Ce problème devient presque impossible lorsque l'alcool est impliqué. Prenons le cas tragique de Brock Turner, l'étudiant de l'université de Stanford reconnu coupable d'avoir agressé sexuellement une femme inconsciente, Emily Doe, derrière une benne à ordures. Ils se sont rencontrés lors d'une fête de fraternité, tous deux ivres. L'alcool crée un état de myopie, réduisant notre champ de vision mentale aux seuls indices les plus immédiats et oblitérant les considérations à long terme qui guident notre caractère. Dans cet état, deux personnes peuvent devenir des versions déformées d'elles-mêmes. Pour Doe, l'intoxication extrême a conduit à un black-out, effaçant sa mémoire et sa capacité à consentir. Pour Turner, la myopie l'a empêché d'interpréter correctement l'état de la jeune femme. Comment déterminer le consentement lorsque les deux personnes qui le négocient sont si éloignées de leur véritable personnalité ?
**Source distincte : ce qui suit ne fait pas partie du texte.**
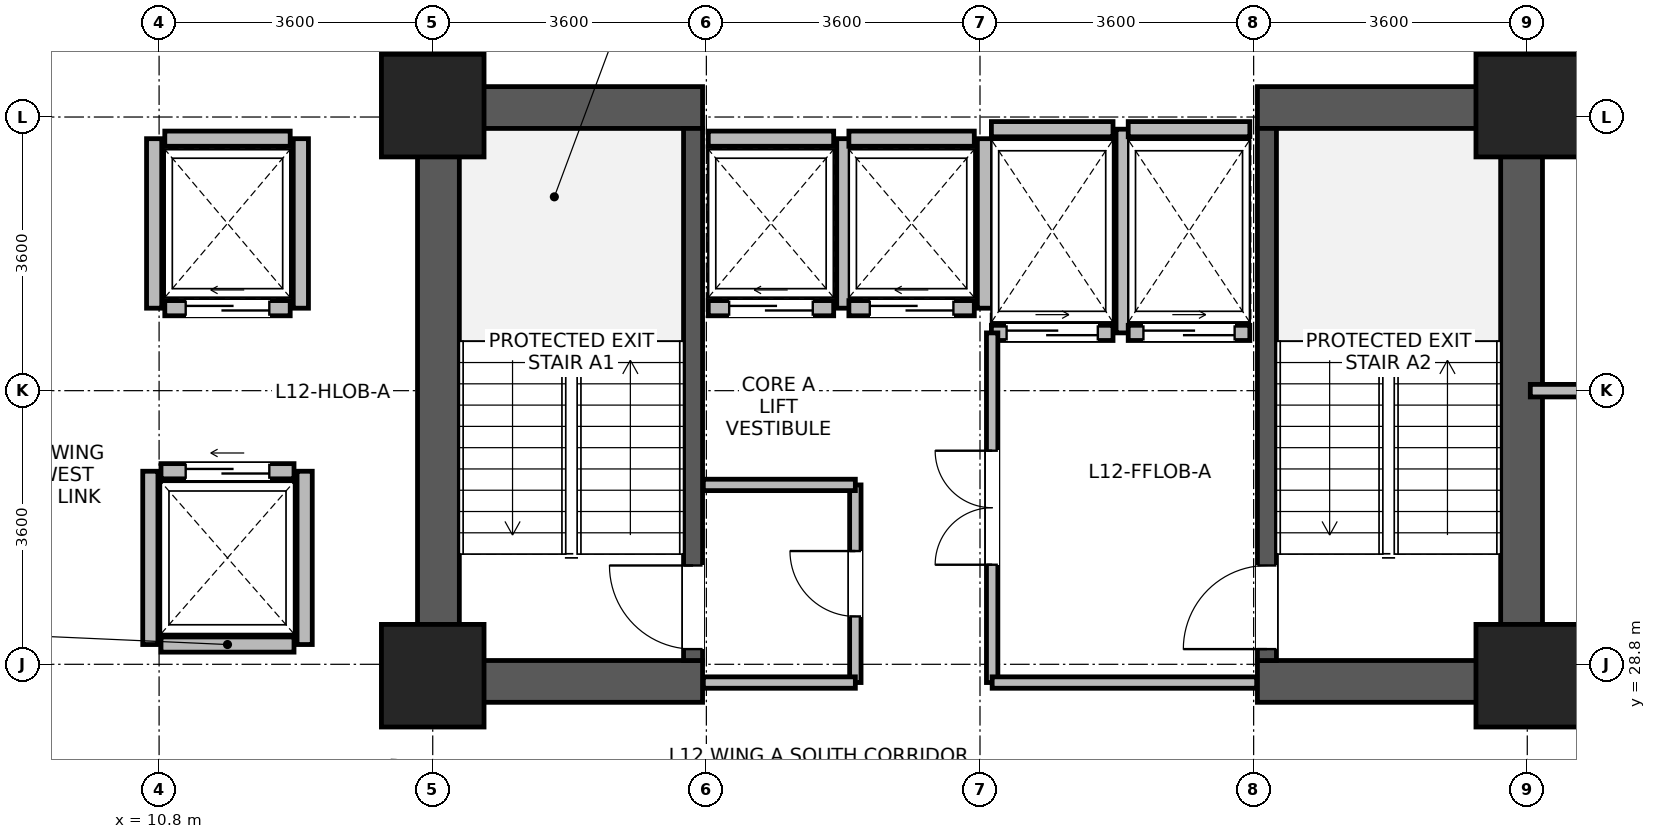
"""IFC4 building model, lengths in metres.
Left out: names, types, materials, properties, quantities, classifications, styles, units other than length and angle.
Written with IfcOpenShell. Run it as: python <this file> out.ifc"""

import sys

from ifc_helpers import new_model, si_unit, direction, frame, frame_2d, origin, origin_2d, place, context, subcontext, project, spatial, rectangle, extrude, source, transform, mapped, element, fill, save


model = new_model("IFC4")
c1 = context("Model", 3, precision=1e-05, world=origin(), true_north=direction((0.0, 1.0)))
c2 = subcontext(c1, "Body", "Model", "MODEL_VIEW")
j1 = project(units=[si_unit("LENGTHUNIT", "METRE"), si_unit("PLANEANGLEUNIT", "RADIAN")], contexts=[c1])
p1 = place(None, origin())
s1 = spatial("IfcSite", under=j1, at=p1, CompositionType="ELEMENT")
p2 = place(p1, origin())
s2 = spatial("IfcBuilding", under=s1, at=p2, CompositionType="ELEMENT")
p3 = place(p2, frame((0.0, 0.0, 51.2)))
s3 = spatial("IfcBuildingStorey", under=s2, at=p3, CompositionType="ELEMENT", Elevation=51.2)
for number, where, z_axis, x_axis in (
    (1, (14.475, 28.3, 0.0), (0.0, 0.0, 1.0), (0.0, 1.0, 0.0)),
    (2, (28.725, 28.3, 0.0), (0.0, 0.0, 1.0), (0.0, 1.0, 0.0)),
):
    element("IfcWall", number, at=place(p3, frame(where, z_axis=z_axis, x_axis=x_axis)), inside=s3, PredefinedType="SHEAR", context=c2, shape_type="SweptSolid", body=[
        extrude(rectangle(XDim=8.1, YDim=0.55, at=frame_2d((4.05, 0.0))), origin(), (0.0, 0.0, 1.0), 3.45),
    ])
for number, where, z_axis, x_axis in (
    (3, (14.75, 28.575, 0.0), (0.0, 0.0, 1.0), (1.0, 0.0, 0.0)),
    (4, (25.25, 28.575, 0.0), (0.0, 0.0, 1.0), (1.0, 0.0, 0.0)),
    (5, (14.75, 36.125, 0.0), (0.0, 0.0, 1.0), (1.0, 0.0, 0.0)),
    (6, (25.25, 36.125, 0.0), (0.0, 0.0, 1.0), (1.0, 0.0, 0.0)),
):
    element("IfcWall", number, at=place(p3, frame(where, z_axis=z_axis, x_axis=x_axis)), inside=s3, PredefinedType="SHEAR", context=c2, shape_type="SweptSolid", body=[
        extrude(rectangle(XDim=3.2, YDim=0.55, at=frame_2d((1.6, 0.0))), origin(), (0.0, 0.0, 1.0), 3.45),
    ])
p4 = place(p3, frame((17.825, 28.85, 0.0), z_axis=(0.0, 0.0, 1.0), x_axis=(0.0, 1.0, 0.0)))
e7 = element("IfcWall", 7, at=p4, inside=s3, PredefinedType="SHEAR", context=c2, shape_type="SweptSolid", body=[
    extrude(rectangle(XDim=7.0, YDim=0.25, at=frame_2d((3.5, 0.0))), origin(), (0.0, 0.0, 1.0), 3.45),
])
p5 = place(p4, frame((0.15, 0.0, 0.0)))
e8 = element("IfcOpeningElement", 8, at=p5, cuts=e7, PredefinedType="OPENING", context=c2, shape_type="SweptSolid", body=[
    extrude(rectangle(XDim=1.1, YDim=2.08, at=frame_2d((0.55, 1.04))), frame((0.0, 0.135, 0.0), z_axis=(0.0, -1.0, 0.0), x_axis=(1.0, 0.0, 0.0)), (0.0, 0.0, 1.0), 0.27),
])
p6 = place(p3, frame((25.375, 28.85, 0.0), z_axis=(0.0, 0.0, 1.0), x_axis=(0.0, 1.0, 0.0)))
e9 = element("IfcWall", 9, at=p6, inside=s3, PredefinedType="SHEAR", context=c2, shape_type="SweptSolid", body=[
    extrude(rectangle(XDim=7.0, YDim=0.25, at=frame_2d((3.5, 0.0))), origin(), (0.0, 0.0, 1.0), 3.45),
])
p7 = place(p6, frame((0.15, 0.0, 0.0)))
e10 = element("IfcOpeningElement", 10, at=p7, cuts=e9, PredefinedType="OPENING", context=c2, shape_type="SweptSolid", body=[
    extrude(rectangle(XDim=1.1, YDim=2.08, at=frame_2d((0.55, 1.04))), frame((0.0, 0.135, 0.0), z_axis=(0.0, -1.0, 0.0), x_axis=(1.0, 0.0, 0.0)), (0.0, 0.0, 1.0), 0.27),
])
m1 = source(origin(), c2, "Body", "SweptSolid", [
    extrude(rectangle(XDim=1.35, YDim=1.35, at=origin_2d()), origin(), (0.0, 0.0, 1.0), 3.7),
])
for number, where, z_axis, x_axis in (
    (11, (14.4, 28.65, 0.0), (0.0, 0.0, 1.0), (1.0, 0.0, 0.0)),
    (12, (14.4, 36.15, 0.0), (0.0, 0.0, 1.0), (1.0, 0.0, 0.0)),
    (13, (28.8, 28.65, 0.0), (0.0, 0.0, 1.0), (1.0, 0.0, 0.0)),
    (14, (28.8, 36.15, 0.0), (0.0, 0.0, 1.0), (1.0, 0.0, 0.0)),
):
    element("IfcColumn", number, at=place(p3, frame(where, z_axis=z_axis, x_axis=x_axis)), inside=s3, PredefinedType="COLUMN", context=c2, shape_type="MappedRepresentation", body=[
        mapped(m1, transform((0.0, 0.0, 0.0), x_axis=(1.0, 0.0, 0.0), y_axis=(0.0, 1.0, 0.0), z_axis=(0.0, 0.0, 1.0), scale=1.0)),
    ])
p8 = place(p3, frame((18.025, 33.485, 0.0), z_axis=(0.0, 0.0, 1.0), x_axis=(1.0, 0.0, 0.0)))
e15 = element("IfcWall", 15, at=p8, inside=s3, PredefinedType="PARTITIONING", context=c2, shape_type="SweptSolid", body=[
    extrude(rectangle(XDim=1.65, YDim=0.2, at=frame_2d((0.825, 0.0))), origin(), (0.0, 0.0, 1.0), 3.43),
])
p9 = place(p8, frame((0.275, 0.0, 0.0)))
e16 = element("IfcOpeningElement", 16, at=p9, cuts=e15, PredefinedType="OPENING", context=c2, shape_type="SweptSolid", body=[
    extrude(rectangle(XDim=1.1, YDim=2.12, at=frame_2d((0.55, 1.06))), frame((0.0, 0.11, 0.0), z_axis=(0.0, -1.0, 0.0), x_axis=(1.0, 0.0, 0.0)), (0.0, 0.0, 1.0), 0.22),
])
p10 = place(p3, frame((18.025, 35.715, 0.0), z_axis=(0.0, 0.0, 1.0), x_axis=(1.0, 0.0, 0.0)))
e17 = element("IfcWall", 17, at=p10, inside=s3, PredefinedType="PARTITIONING", context=c2, shape_type="SweptSolid", body=[
    extrude(rectangle(XDim=1.65, YDim=0.2, at=frame_2d((0.825, 0.0))), origin(), (0.0, 0.0, 1.0), 2.23),
])
p11 = place(p3, frame((19.815, 33.485, 0.0), z_axis=(0.0, 0.0, 1.0), x_axis=(0.0, 1.0, 0.0)))
e18 = element("IfcWall", 18, at=p11, inside=s3, PredefinedType="PARTITIONING", context=c2, shape_type="SweptSolid", body=[
    extrude(rectangle(XDim=2.23, YDim=0.2, at=frame_2d((1.115, 0.0))), origin(), (0.0, 0.0, 1.0), 3.43),
])
p12 = place(p3, frame((19.875, 33.485, 0.0), z_axis=(0.0, 0.0, 1.0), x_axis=(1.0, 0.0, 0.0)))
e19 = element("IfcWall", 19, at=p12, inside=s3, PredefinedType="PARTITIONING", context=c2, shape_type="SweptSolid", body=[
    extrude(rectangle(XDim=1.65, YDim=0.2, at=frame_2d((0.825, 0.0))), origin(), (0.0, 0.0, 1.0), 3.43),
])
p13 = place(p12, frame((0.275, 0.0, 0.0)))
e20 = element("IfcOpeningElement", 20, at=p13, cuts=e19, PredefinedType="OPENING", context=c2, shape_type="SweptSolid", body=[
    extrude(rectangle(XDim=1.1, YDim=2.12, at=frame_2d((0.55, 1.06))), frame((0.0, 0.11, 0.0), z_axis=(0.0, -1.0, 0.0), x_axis=(1.0, 0.0, 0.0)), (0.0, 0.0, 1.0), 0.22),
])
p14 = place(p3, frame((19.875, 35.715, 0.0), z_axis=(0.0, 0.0, 1.0), x_axis=(1.0, 0.0, 0.0)))
e21 = element("IfcWall", 21, at=p14, inside=s3, PredefinedType="PARTITIONING", context=c2, shape_type="SweptSolid", body=[
    extrude(rectangle(XDim=1.65, YDim=0.2, at=frame_2d((0.825, 0.0))), origin(), (0.0, 0.0, 1.0), 2.23),
])
p15 = place(p3, frame((21.665, 33.485, 0.0), z_axis=(0.0, 0.0, 1.0), x_axis=(0.0, 1.0, 0.0)))
e22 = element("IfcWall", 22, at=p15, inside=s3, PredefinedType="PARTITIONING", context=c2, shape_type="SweptSolid", body=[
    extrude(rectangle(XDim=2.23, YDim=0.2, at=frame_2d((1.115, 0.0))), origin(), (0.0, 0.0, 1.0), 3.43),
])
p16 = place(p3, frame((10.825, 29.06, 0.0), z_axis=(0.0, 0.0, 1.0), x_axis=(1.0, 0.0, 0.0)))
e23 = element("IfcWall", 23, at=p16, inside=s3, PredefinedType="PARTITIONING", context=c2, shape_type="SweptSolid", body=[
    extrude(rectangle(XDim=1.75, YDim=0.2, at=frame_2d((0.875, 0.0))), origin(), (0.0, 0.0, 1.0), 3.43),
])
p17 = place(p3, frame((10.825, 31.34, 0.0), z_axis=(0.0, 0.0, 1.0), x_axis=(1.0, 0.0, 0.0)))
e24 = element("IfcWall", 24, at=p17, inside=s3, PredefinedType="PARTITIONING", context=c2, shape_type="SweptSolid", body=[
    extrude(rectangle(XDim=1.75, YDim=0.2, at=frame_2d((0.875, 0.0))), origin(), (0.0, 0.0, 1.0), 3.43),
])
p18 = place(p17, frame((0.325, 0.0, 0.0)))
e25 = element("IfcOpeningElement", 25, at=p18, cuts=e24, PredefinedType="OPENING", context=c2, shape_type="SweptSolid", body=[
    extrude(rectangle(XDim=1.1, YDim=2.12, at=frame_2d((0.55, 1.06))), frame((0.0, 0.11, 0.0), z_axis=(0.0, -1.0, 0.0), x_axis=(1.0, 0.0, 0.0)), (0.0, 0.0, 1.0), 0.22),
])
for number, where, z_axis, x_axis in (
    (26, (10.685, 29.06, 0.0), (0.0, 0.0, 1.0), (0.0, 1.0, 0.0)),
    (27, (12.715, 29.06, 0.0), (0.0, 0.0, 1.0), (0.0, 1.0, 0.0)),
):
    element("IfcWall", number, at=place(p3, frame(where, z_axis=z_axis, x_axis=x_axis)), inside=s3, PredefinedType="PARTITIONING", context=c2, shape_type="SweptSolid", body=[
        extrude(rectangle(XDim=2.28, YDim=0.2, at=frame_2d((1.14, 0.0))), origin(), (0.0, 0.0, 1.0), 3.43),
    ])
p19 = place(p3, frame((10.875, 33.485, 0.0), z_axis=(0.0, 0.0, 1.0), x_axis=(1.0, 0.0, 0.0)))
e28 = element("IfcWall", 28, at=p19, inside=s3, PredefinedType="PARTITIONING", context=c2, shape_type="SweptSolid", body=[
    extrude(rectangle(XDim=1.65, YDim=0.2, at=frame_2d((0.825, 0.0))), origin(), (0.0, 0.0, 1.0), 3.43),
])
p20 = place(p19, frame((0.275, 0.0, 0.0)))
e29 = element("IfcOpeningElement", 29, at=p20, cuts=e28, PredefinedType="OPENING", context=c2, shape_type="SweptSolid", body=[
    extrude(rectangle(XDim=1.1, YDim=2.12, at=frame_2d((0.55, 1.06))), frame((0.0, 0.11, 0.0), z_axis=(0.0, -1.0, 0.0), x_axis=(1.0, 0.0, 0.0)), (0.0, 0.0, 1.0), 0.22),
])
p21 = place(p3, frame((10.875, 35.715, 0.0), z_axis=(0.0, 0.0, 1.0), x_axis=(1.0, 0.0, 0.0)))
e30 = element("IfcWall", 30, at=p21, inside=s3, PredefinedType="PARTITIONING", context=c2, shape_type="SweptSolid", body=[
    extrude(rectangle(XDim=1.65, YDim=0.2, at=frame_2d((0.825, 0.0))), origin(), (0.0, 0.0, 1.0), 3.43),
])
for number, where, z_axis, x_axis in (
    (31, (10.735, 33.485, 0.0), (0.0, 0.0, 1.0), (0.0, 1.0, 0.0)),
    (32, (12.665, 33.485, 0.0), (0.0, 0.0, 1.0), (0.0, 1.0, 0.0)),
):
    element("IfcWall", number, at=place(p3, frame(where, z_axis=z_axis, x_axis=x_axis)), inside=s3, PredefinedType="PARTITIONING", context=c2, shape_type="SweptSolid", body=[
        extrude(rectangle(XDim=2.23, YDim=0.2, at=frame_2d((1.115, 0.0))), origin(), (0.0, 0.0, 1.0), 3.43),
    ])
p22 = place(p3, frame((21.75, 33.16, 0.0), z_axis=(0.0, 0.0, 1.0), x_axis=(1.0, 0.0, 0.0)))
e33 = element("IfcWall", 33, at=p22, inside=s3, PredefinedType="PARTITIONING", context=c2, shape_type="SweptSolid", body=[
    extrude(rectangle(XDim=1.6, YDim=0.2, at=frame_2d((0.8, 0.0))), origin(), (0.0, 0.0, 1.0), 3.43),
])
p23 = place(p22, frame((0.2, 0.0, 0.0)))
e34 = element("IfcOpeningElement", 34, at=p23, cuts=e33, PredefinedType="OPENING", context=c2, shape_type="SweptSolid", body=[
    extrude(rectangle(XDim=1.2, YDim=2.12, at=frame_2d((0.6, 1.06))), frame((0.0, 0.11, 0.0), z_axis=(0.0, -1.0, 0.0), x_axis=(1.0, 0.0, 0.0)), (0.0, 0.0, 1.0), 0.22),
])
p24 = place(p3, frame((21.75, 35.84, 0.0), z_axis=(0.0, 0.0, 1.0), x_axis=(1.0, 0.0, 0.0)))
e35 = element("IfcWall", 35, at=p24, inside=s3, PredefinedType="PARTITIONING", context=c2, shape_type="SweptSolid", body=[
    extrude(rectangle(XDim=1.6, YDim=0.2, at=frame_2d((0.8, 0.0))), origin(), (0.0, 0.0, 1.0), 2.23),
])
p25 = place(p3, frame((23.49, 33.16, 0.0), z_axis=(0.0, 0.0, 1.0), x_axis=(0.0, 1.0, 0.0)))
e36 = element("IfcWall", 36, at=p25, inside=s3, PredefinedType="PARTITIONING", context=c2, shape_type="SweptSolid", body=[
    extrude(rectangle(XDim=2.68, YDim=0.2, at=frame_2d((1.34, 0.0))), origin(), (0.0, 0.0, 1.0), 3.43),
])
p26 = place(p3, frame((23.55, 33.16, 0.0), z_axis=(0.0, 0.0, 1.0), x_axis=(1.0, 0.0, 0.0)))
e37 = element("IfcWall", 37, at=p26, inside=s3, PredefinedType="PARTITIONING", context=c2, shape_type="SweptSolid", body=[
    extrude(rectangle(XDim=1.6, YDim=0.2, at=frame_2d((0.8, 0.0))), origin(), (0.0, 0.0, 1.0), 3.43),
])
p27 = place(p26, frame((0.2, 0.0, 0.0)))
e38 = element("IfcOpeningElement", 38, at=p27, cuts=e37, PredefinedType="OPENING", context=c2, shape_type="SweptSolid", body=[
    extrude(rectangle(XDim=1.2, YDim=2.12, at=frame_2d((0.6, 1.06))), frame((0.0, 0.11, 0.0), z_axis=(0.0, -1.0, 0.0), x_axis=(1.0, 0.0, 0.0)), (0.0, 0.0, 1.0), 0.22),
])
p28 = place(p3, frame((23.55, 35.84, 0.0), z_axis=(0.0, 0.0, 1.0), x_axis=(1.0, 0.0, 0.0)))
e39 = element("IfcWall", 39, at=p28, inside=s3, PredefinedType="PARTITIONING", context=c2, shape_type="SweptSolid", body=[
    extrude(rectangle(XDim=1.6, YDim=0.2, at=frame_2d((0.8, 0.0))), origin(), (0.0, 0.0, 1.0), 2.23),
])
p29 = place(p3, frame((19.96, 28.56, 0.0), z_axis=(0.0, 0.0, 1.0), x_axis=(0.0, 1.0, 0.0)))
e40 = element("IfcWall", 40, at=p29, inside=s3, PredefinedType="PARTITIONING", context=c2, shape_type="SweptSolid", body=[
    extrude(rectangle(XDim=2.6, YDim=0.15, at=frame_2d((1.3, 0.0))), origin(), (0.0, 0.0, 1.0), 3.43),
])
p30 = place(p29, frame((0.87, 0.0, 0.0)))
e41 = element("IfcOpeningElement", 41, at=p30, cuts=e40, PredefinedType="OPENING", context=c2, shape_type="SweptSolid", body=[
    extrude(rectangle(XDim=0.86, YDim=2.02, at=frame_2d((0.43, 1.01))), frame((0.0, 0.085, 0.0), z_axis=(0.0, -1.0, 0.0), x_axis=(1.0, 0.0, 0.0)), (0.0, 0.0, 1.0), 0.17),
])
p31 = place(p3, frame((17.96, 28.56, 0.0), z_axis=(0.0, 0.0, 1.0), x_axis=(1.0, 0.0, 0.0)))
e42 = element("IfcWall", 42, at=p31, inside=s3, PredefinedType="PARTITIONING", context=c2, shape_type="SweptSolid", body=[
    extrude(rectangle(XDim=2.0, YDim=0.15, at=frame_2d((1.0, 0.0))), origin(), (0.0, 0.0, 1.0), 2.23),
])
p32 = place(p3, frame((17.96, 31.16, 0.0), z_axis=(0.0, 0.0, 1.0), x_axis=(1.0, 0.0, 0.0)))
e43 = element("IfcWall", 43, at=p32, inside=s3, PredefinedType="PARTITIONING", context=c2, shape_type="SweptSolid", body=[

Enfin, nous ne mesurons pas l'importance du contexte. Nous considérons le suicide comme un acte de désespoir profond et inébranlable. Mais est-ce le cas ? Lorsque la poétesse Sylvia Plath s'est donné la mort en 1962, elle l'a fait en mettant sa tête dans un four rempli de gaz de ville toxique, la méthode de suicide la plus courante en Angleterre à l'époque. Quelques années plus tard, l'Angleterre est passée au gaz naturel non létal et le taux de suicide a chuté. Il s'avère que la pulsion de mort est souvent liée à un moyen spécifique disponible. Si l'on supprime ce moyen, la pulsion s'estompe souvent. Il en va de même pour la criminalité. Les criminologues ont découvert que la criminalité n'est pas répartie uniformément dans une ville, mais qu'elle se concentre intensément à quelques coins de rue spécifiques. Le comportement est lié au lieu.
Ces trois principes - défaut de vérité, transparence et couplage - nous ramènent à ce bord de route au Texas. L'agent Brian Encinia était le produit d'un nouveau style de maintien de l'ordre issu des expériences de Kansas City, qui enseignait aux agents à abandonner le principe de vérité par défaut et à utiliser les contrôles routiers pour rechercher des délits plus graves. Il a été formé à rechercher les "curiosités" et à lire le comportement comme un signe d'intention. Il a vu dans l'agitation de Sandra Bland non pas la frustration compréhensible d'une femme troublée, mais le signe d'une menace. Il fonctionnait sur l'illusion de la transparence.
Pire encore, il a ignoré le contexte. La police proactive et agressive a été conçue pour les points névralgiques de la criminalité, mais Encinia patrouillait sur une route de campagne tranquille à proximité d'une université. Il utilisait un outil de lutte contre les points chauds dans un endroit froid, augmentant ainsi le risque d'un malentendu tragique. Il a vu une étrangère et, armé d'un ensemble de suppositions erronées, n'a pas réussi à la comprendre. La mort de Sandra Bland n'est pas seulement l'échec d'un policier. C'est notre échec à tous, la conséquence tragique de notre ignorance collective sur la manière de parler aux étrangers.